If You Come From A Broken Home, Read This

By

I came from a broken home. I saw hatred more than love. I saw family tearing each other down rather than supporting and loving each other. Home was the place I ran away from the most. I used to see a lot of people saying how much they couldn’t wait to get back to their homes and how it’s their safe place, but mine was never this place for me. It was the place where everywhere else felt more peaceful and safer.

I thought that if you came out of a broken home, you couldn’t build a good one on your own. I thought that if I never saw what support and love looked like between families, I would never be able to provide them either. I thought that partners were something that you were supposed to have because the world told you to, but they were not someone that would lift you up or be there for you but someone that would knock you down every chance they got. That’s what I expected from partners. That’s the kind of relationship I thought I would be stuck in. I thought that I would relive my childhood all over again but in its adult version.
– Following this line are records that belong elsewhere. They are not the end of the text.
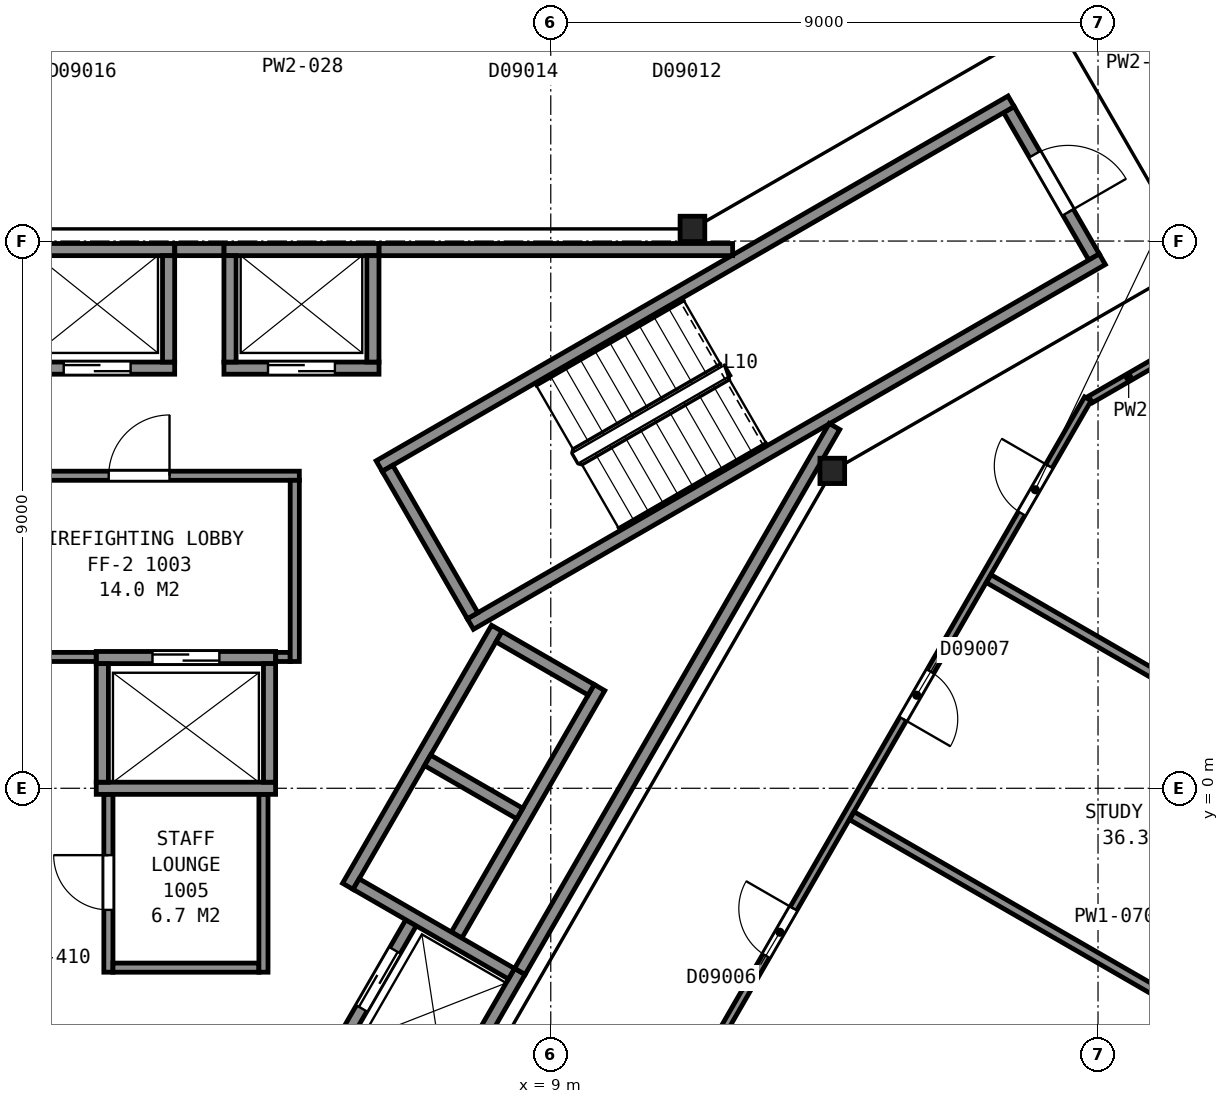
"""IFC4 building model, lengths in metres.
Left out: names, types, materials, properties, quantities, classifications, styles, units other than length and angle.
Written with IfcOpenShell. Run it as: python <this file> out.ifc"""

import sys

from ifc_helpers import new_model, si_unit, direction, frame, frame_2d, origin, origin_2d, place, context, subcontext, project, spatial, rectangle, i_section, extrude, element, fill, save


model = new_model("IFC4")
c1 = context("Model", 3, precision=1e-05, world=origin(), true_north=direction((0.0, 1.0)))
c2 = subcontext(c1, "Body", "Model", "MODEL_VIEW")
j1 = project(units=[si_unit("LENGTHUNIT", "METRE"), si_unit("PLANEANGLEUNIT", "RADIAN")], contexts=[c1])
p1 = place(None, origin())
s1 = spatial("IfcSite", under=j1, at=p1, CompositionType="ELEMENT")
p2 = place(p1, origin())
s2 = spatial("IfcBuilding", under=s1, at=p2, CompositionType="ELEMENT")
p3 = place(p2, frame((0.0, 0.0, 51.2)))
s3 = spatial("IfcBuildingStorey", under=s2, at=p3, CompositionType="ELEMENT", Elevation=51.2)
for number, where, z_axis, x_axis in (
    (1, (13.63, 5.22, 0.0), (0.0, 0.0, 1.0), (1.0, 0.0, 0.0)),
    (2, (11.33, 9.2, 0.0), (0.0, 0.0, 1.0), (1.0, 0.0, 0.0)),
):
    element("IfcColumn", number, at=place(p3, frame(where, z_axis=z_axis, x_axis=x_axis)), inside=s3, PredefinedType="COLUMN", context=c2, shape_type="SweptSolid", body=[
        extrude(i_section(OverallWidth=0.406, OverallDepth=0.417, WebThickness=0.03, FlangeThickness=0.048, FilletRadius=0.015, at=origin_2d()), origin(), (0.0, 0.0, 1.0), 3.6),
    ])
p4 = place(p3, frame((17.934, 8.738, 0.0), z_axis=(0.0, 0.0, 1.0), x_axis=(-0.49998411664, 0.866034573852, 0.0)))
e3 = element("IfcWall", 3, at=p4, inside=s3, PredefinedType="PARTITIONING", context=c2, shape_type="SweptSolid", body=[
    extrude(rectangle(XDim=2.8, YDim=0.2, at=frame_2d((1.4, 0.0))), origin(), (0.0, 0.0, 1.0), 3.35),
])
p5 = place(p4, frame((0.85, 0.0, 0.0)))
e4 = element("IfcOpeningElement", 4, at=p5, cuts=e3, PredefinedType="OPENING", context=c2, shape_type="SweptSolid", body=[
    extrude(rectangle(XDim=1.1, YDim=2.1, at=frame_2d((0.55, 1.05))), frame((0.0, 0.11, 0.0), z_axis=(0.0, -1.0, 0.0), x_axis=(1.0, 0.0, 0.0)), (0.0, 0.0, 1.0), 0.22),
])
for number, where, z_axis, x_axis in (
    (5, (6.178, 5.299, 0.0), (0.0, 0.0, 1.0), (0.866, 0.5, 0.0)),
    (6, (7.678, 2.701, 0.0), (0.0, 0.0, 1.0), (0.866, 0.5, 0.0)),
):
    element("IfcWall", number, at=place(p3, frame(where, z_axis=z_axis, x_axis=x_axis)), inside=s3, PredefinedType="PARTITIONING", context=c2, shape_type="SweptSolid", body=[
        extrude(rectangle(XDim=12.0, YDim=0.2, at=frame_2d((6.0, 0.0))), origin(), (0.0, 0.0, 1.0), 3.35),
    ])
p6 = place(p3, frame((7.715, 2.838, 0.0), z_axis=(0.0, 0.0, 1.0), x_axis=(-0.500049511043, 0.865996816683, 0.0)))
e7 = element("IfcWall", 7, at=p6, inside=s3, PredefinedType="PARTITIONING", context=c2, shape_type="SweptSolid", body=[
    extrude(rectangle(XDim=2.8, YDim=0.2, at=frame_2d((1.4, 0.0))), origin(), (0.0, 0.0, 1.0), 3.35),
])
p7 = place(p3, frame((1.525, 0.0, 0.0), z_axis=(0.0, 0.0, 1.0), x_axis=(1.0, 0.0, 0.0)))
e8 = element("IfcWall", 8, at=p7, inside=s3, PredefinedType="PARTITIONING", context=c2, shape_type="SweptSolid", body=[
    extrude(rectangle(XDim=2.95, YDim=0.2, at=frame_2d((1.475, 0.0))), origin(), (0.0, 0.0, 1.0), 3.6),
])
p8 = place(p3, frame((1.525, 2.15, 0.0), z_axis=(0.0, 0.0, 1.0), x_axis=(1.0, 0.0, 0.0)))
e9 = element("IfcWall", 9, at=p8, inside=s3, PredefinedType="PARTITIONING", context=c2, shape_type="SweptSolid", body=[
    extrude(rectangle(XDim=2.95, YDim=0.2, at=frame_2d((1.475, 0.0))), origin(), (0.0, 0.0, 1.0), 3.6),
])
p9 = place(p8, frame((0.925, 0.0, 0.0)))
e10 = element("IfcOpeningElement", 10, at=p9, cuts=e9, PredefinedType="OPENING", context=c2, shape_type="SweptSolid", body=[
    extrude(rectangle(XDim=1.1, YDim=2.1, at=frame_2d((0.55, 1.05))), frame((0.0, 0.11, 0.0), z_axis=(0.0, -1.0, 0.0), x_axis=(1.0, 0.0, 0.0)), (0.0, 0.0, 1.0), 0.22),
])
p10 = place(p3, frame((0.265, 6.91, 0.0), z_axis=(0.0, 0.0, 1.0), x_axis=(1.0, 0.0, 0.0)))
e11 = element("IfcWall", 11, at=p10, inside=s3, PredefinedType="PARTITIONING", context=c2, shape_type="SweptSolid", body=[
    extrude(rectangle(XDim=2.55, YDim=0.2, at=frame_2d((1.275, 0.0))), origin(), (0.0, 0.0, 1.0), 3.6),
])
p11 = place(p10, frame((0.725, 0.0, 0.0)))
e12 = element("IfcOpeningElement", 12, at=p11, cuts=e11, PredefinedType="OPENING", context=c2, shape_type="SweptSolid", body=[
    extrude(rectangle(XDim=1.1, YDim=2.1, at=frame_2d((0.55, 1.05))), frame((0.0, 0.11, 0.0), z_axis=(0.0, -1.0, 0.0), x_axis=(1.0, 0.0, 0.0)), (0.0, 0.0, 1.0), 0.22),
])
p12 = place(p3, frame((3.625, 6.91, 0.0), z_axis=(0.0, 0.0, 1.0), x_axis=(1.0, 0.0, 0.0)))
e13 = element("IfcWall", 13, at=p12, inside=s3, PredefinedType="PARTITIONING", context=c2, shape_type="SweptSolid", body=[
    extrude(rectangle(XDim=2.55, YDim=0.2, at=frame_2d((1.275, 0.0))), origin(), (0.0, 0.0, 1.0), 3.6),
])
p13 = place(p12, frame((0.725, 0.0, 0.0)))
e14 = element("IfcOpeningElement", 14, at=p13, cuts=e13, PredefinedType="OPENING", context=c2, shape_type="SweptSolid", body=[
    extrude(rectangle(XDim=1.1, YDim=2.1, at=frame_2d((0.55, 1.05))), frame((0.0, 0.11, 0.0), z_axis=(0.0, -1.0, 0.0), x_axis=(1.0, 0.0, 0.0)), (0.0, 0.0, 1.0), 0.22),
])
for number, where, z_axis, x_axis in (
    (15, (0.265, 8.86, 0.0), (0.0, 0.0, 1.0), (1.0, 0.0, 0.0)),
    (16, (3.625, 8.86, 0.0), (0.0, 0.0, 1.0), (1.0, 0.0, 0.0)),
):
    element("IfcWall", number, at=place(p3, frame(where, z_axis=z_axis, x_axis=x_axis)), inside=s3, PredefinedType="PARTITIONING", context=c2, shape_type="SweptSolid", body=[
        extrude(rectangle(XDim=2.55, YDim=0.2, at=frame_2d((1.275, 0.0))), origin(), (0.0, 0.0, 1.0), 3.6),
    ])
p14 = place(p3, frame((7.216, -5.222, 0.0), z_axis=(0.0, 0.0, 1.0), x_axis=(0.499990435942, 0.866030925526, 0.0)))
e17 = element("IfcWall", 17, at=p14, inside=s3, PredefinedType="PARTITIONING", context=c2, shape_type="SweptSolid", body=[
    extrude(rectangle(XDim=2.55, YDim=0.2, at=frame_2d((1.275, 0.0))), origin(), (0.0, 0.0, 1.0), 3.6),
])
p15 = place(p3, frame((7.451, -2.414, 0.0), z_axis=(0.0, 0.0, 1.0), x_axis=(0.500016218704, 0.866016039709, 0.0)))
e18 = element("IfcWall", 18, at=p15, inside=s3, PredefinedType="PARTITIONING", context=c2, shape_type="SweptSolid", body=[
    extrude(rectangle(XDim=4.7, YDim=0.2, at=frame_2d((2.35, 0.0))), origin(), (0.0, 0.0, 1.0), 3.6),
])
p16 = place(p3, frame((5.527, -4.247, 0.0), z_axis=(0.0, 0.0, 1.0), x_axis=(0.499938297808, 0.866061024631, 0.0)))
e19 = element("IfcWall", 19, at=p16, inside=s3, PredefinedType="PARTITIONING", context=c2, shape_type="SweptSolid", body=[
    extrude(rectangle(XDim=2.35, YDim=0.2, at=frame_2d((1.175, 0.0))), origin(), (0.0, 0.0, 1.0), 3.6),
])
p17 = place(p16, frame((0.725, 0.0, 0.0)))
e20 = element("IfcOpeningElement", 20, at=p17, cuts=e19, PredefinedType="OPENING", context=c2, shape_type="SweptSolid", body=[
    extrude(rectangle(XDim=1.1, YDim=2.1, at=frame_2d((0.55, 1.05))), frame((0.0, 0.11, 0.0), z_axis=(0.0, -1.0, 0.0), x_axis=(1.0, 0.0, 0.0)), (0.0, 0.0, 1.0), 0.22),
])
p18 = place(p3, frame((5.663, -1.612, 0.0), z_axis=(0.0, 0.0, 1.0), x_axis=(0.49998122708, 0.866036242063, 0.0)))
e21 = element("IfcWall", 21, at=p18, inside=s3, PredefinedType="PARTITIONING", context=c2, shape_type="SweptSolid", body=[
    extrude(rectangle(XDim=4.9, YDim=0.2, at=frame_2d((2.45, 0.0))), origin(), (0.0, 0.0, 1.0), 3.6),
])
p19 = place(p3, frame((6.075, 7.01, 0.0), z_axis=(0.0, 0.0, 1.0), x_axis=(0.0, 1.0, 0.0)))
e22 = element("IfcWall", 22, at=p19, inside=s3, PredefinedType="PARTITIONING", context=c2, shape_type="SweptSolid", body=[
    extrude(rectangle(XDim=1.75, YDim=0.2, at=frame_2d((0.875, 0.0))), origin(), (0.0, 0.0, 1.0), 3.6),
])
p20 = place(p3, frame((4.375, 0.1, 0.0), z_axis=(0.0, 0.0, 1.0), x_axis=(0.0, 1.0, 0.0)))
e23 = element("IfcWall", 23, at=p20, inside=s3, PredefinedType="PARTITIONING", context=c2, shape_type="SweptSolid", body=[
    extrude(rectangle(XDim=1.95, YDim=0.2, at=frame_2d((0.975, 0.0))), origin(), (0.0, 0.0, 1.0), 3.6),
])
for number, where, z_axis, x_axis in (
    (24, (3.725, 7.01, 0.0), (0.0, 0.0, 1.0), (0.0, 1.0, 0.0)),
    (25, (2.715, 7.01, 0.0), (0.0, 0.0, 1.0), (0.0, 1.0, 0.0)),
):
    element("IfcWall", number, at=place(p3, frame(where, z_axis=z_axis, x_axis=x_axis)), inside=s3, PredefinedType="PARTITIONING", context=c2, shape_type="SweptSolid", body=[
        extrude(rectangle(XDim=1.75, YDim=0.2, at=frame_2d((0.875, 0.0))), origin(), (0.0, 0.0, 1.0), 3.6),
    ])
p21 = place(p3, frame((1.625, 0.1, 0.0), z_axis=(0.0, 0.0, 1.0), x_axis=(0.0, 1.0, 0.0)))
e26 = element("IfcWall", 26, at=p21, inside=s3, PredefinedType="PARTITIONING", context=c2, shape_type="SweptSolid", body=[
    extrude(rectangle(XDim=1.95, YDim=0.2, at=frame_2d((0.975, 0.0))), origin(), (0.0, 0.0, 1.0), 3.6),
])
p22 = place(p3, frame((9.665, 1.62, 0.0), z_axis=(0.0, 0.0, 1.0), x_axis=(-0.866002029911, 0.500040482552, 0.0)))
e27 = element("IfcWall", 27, at=p22, inside=s3, PredefinedType="PARTITIONING", context=c2, shape_type="SweptSolid", body=[
    extrude(rectangle(XDim=1.75, YDim=0.2, at=frame_2d((0.875, 0.0))), origin(), (0.0, 0.0, 1.0), 3.6),
])
p23 = place(p3, frame((8.49, -0.416, 0.0), z_axis=(0.0, 0.0, 1.0), x_axis=(-0.866036909293, 0.499980071345, 0.0)))
e28 = element("IfcWall", 28, at=p23, inside=s3, PredefinedType="PARTITIONING", context=c2, shape_type="SweptSolid", body=[
    extrude(rectangle(XDim=1.75, YDim=0.2, at=frame_2d((0.875, 0.0))), origin(), (0.0, 0.0, 1.0), 3.6),
])
p24 = place(p3, frame((8.354, -3.051, 0.0), z_axis=(0.0, 0.0, 1.0), x_axis=(-0.866060182126, 0.499939757307, 0.0)))
e29 = element("IfcWall", 29, at=p24, inside=s3, PredefinedType="PARTITIONING", context=c2, shape_type="SweptSolid", body=[
    extrude(rectangle(XDim=2.95, YDim=0.2, at=frame_2d((1.475, 0.0))), origin(), (0.0, 0.0, 1.0), 3.6),
])
p25 = place(p3, frame((-0.245, 5.14, 0.0), z_axis=(0.0, 0.0, 1.0), x_axis=(1.0, 0.0, 0.0)))
e30 = element("IfcWall", 30, at=p25, inside=s3, PredefinedType="PARTITIONING", context=c2, shape_type="SweptSolid", body=[
    extrude(rectangle(XDim=5.11, YDim=0.15, at=frame_2d((2.555, 0.0))), origin(), (0.0, 0.0, 1.0), 3.35),
])
p26 = place(p25, frame((1.975, 0.0, 0.0)))
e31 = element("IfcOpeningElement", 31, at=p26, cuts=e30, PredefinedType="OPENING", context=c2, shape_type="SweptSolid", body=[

I thought that I was going to build yet another broken home that I would live my life trying to escape from. I thought that I would have to put up my guard to avoid all the hits and stabs I was going to get every time I was in it.

I spent a long time learning that my future home doesn’t have to be like the home I came from. My relationship doesn’t have to be the same as my parents’. I came to understand that I will always have a choice to not build yet another broken home and to not stay in a relationship that tears me down. I learned that my life doesn’t have to be the same as my parents’. I saw healthy homes and healthy relationships, and I learned that these kinds of relationships and lives are doable.

I understood that my home is not the only idea of a home out there. I learned that I can always choose to be different and to live differently. I thought I was the only one coming from a broken home, but then I saw others who were coming from broken homes too, and I saw how beautifully they were trying to build a home that has nothing to do with the one they came from.

So, to anyone who came from a broken home: Your home is not the only meaning of home out there. It’s not the representation of what all homes look like. Your family is not what a family should be like. When you get more exposure to life, you’ll see other meanings for a family along the way, and you will realize that you can always choose to build a better and healthier one for yourself. We have lived through the bitterness of a broken home, and we don’t want anyone to experience what we have experienced. Please have faith that your home won’t be the same as the one you came from and try to give yourself and others what you never got the chance to have.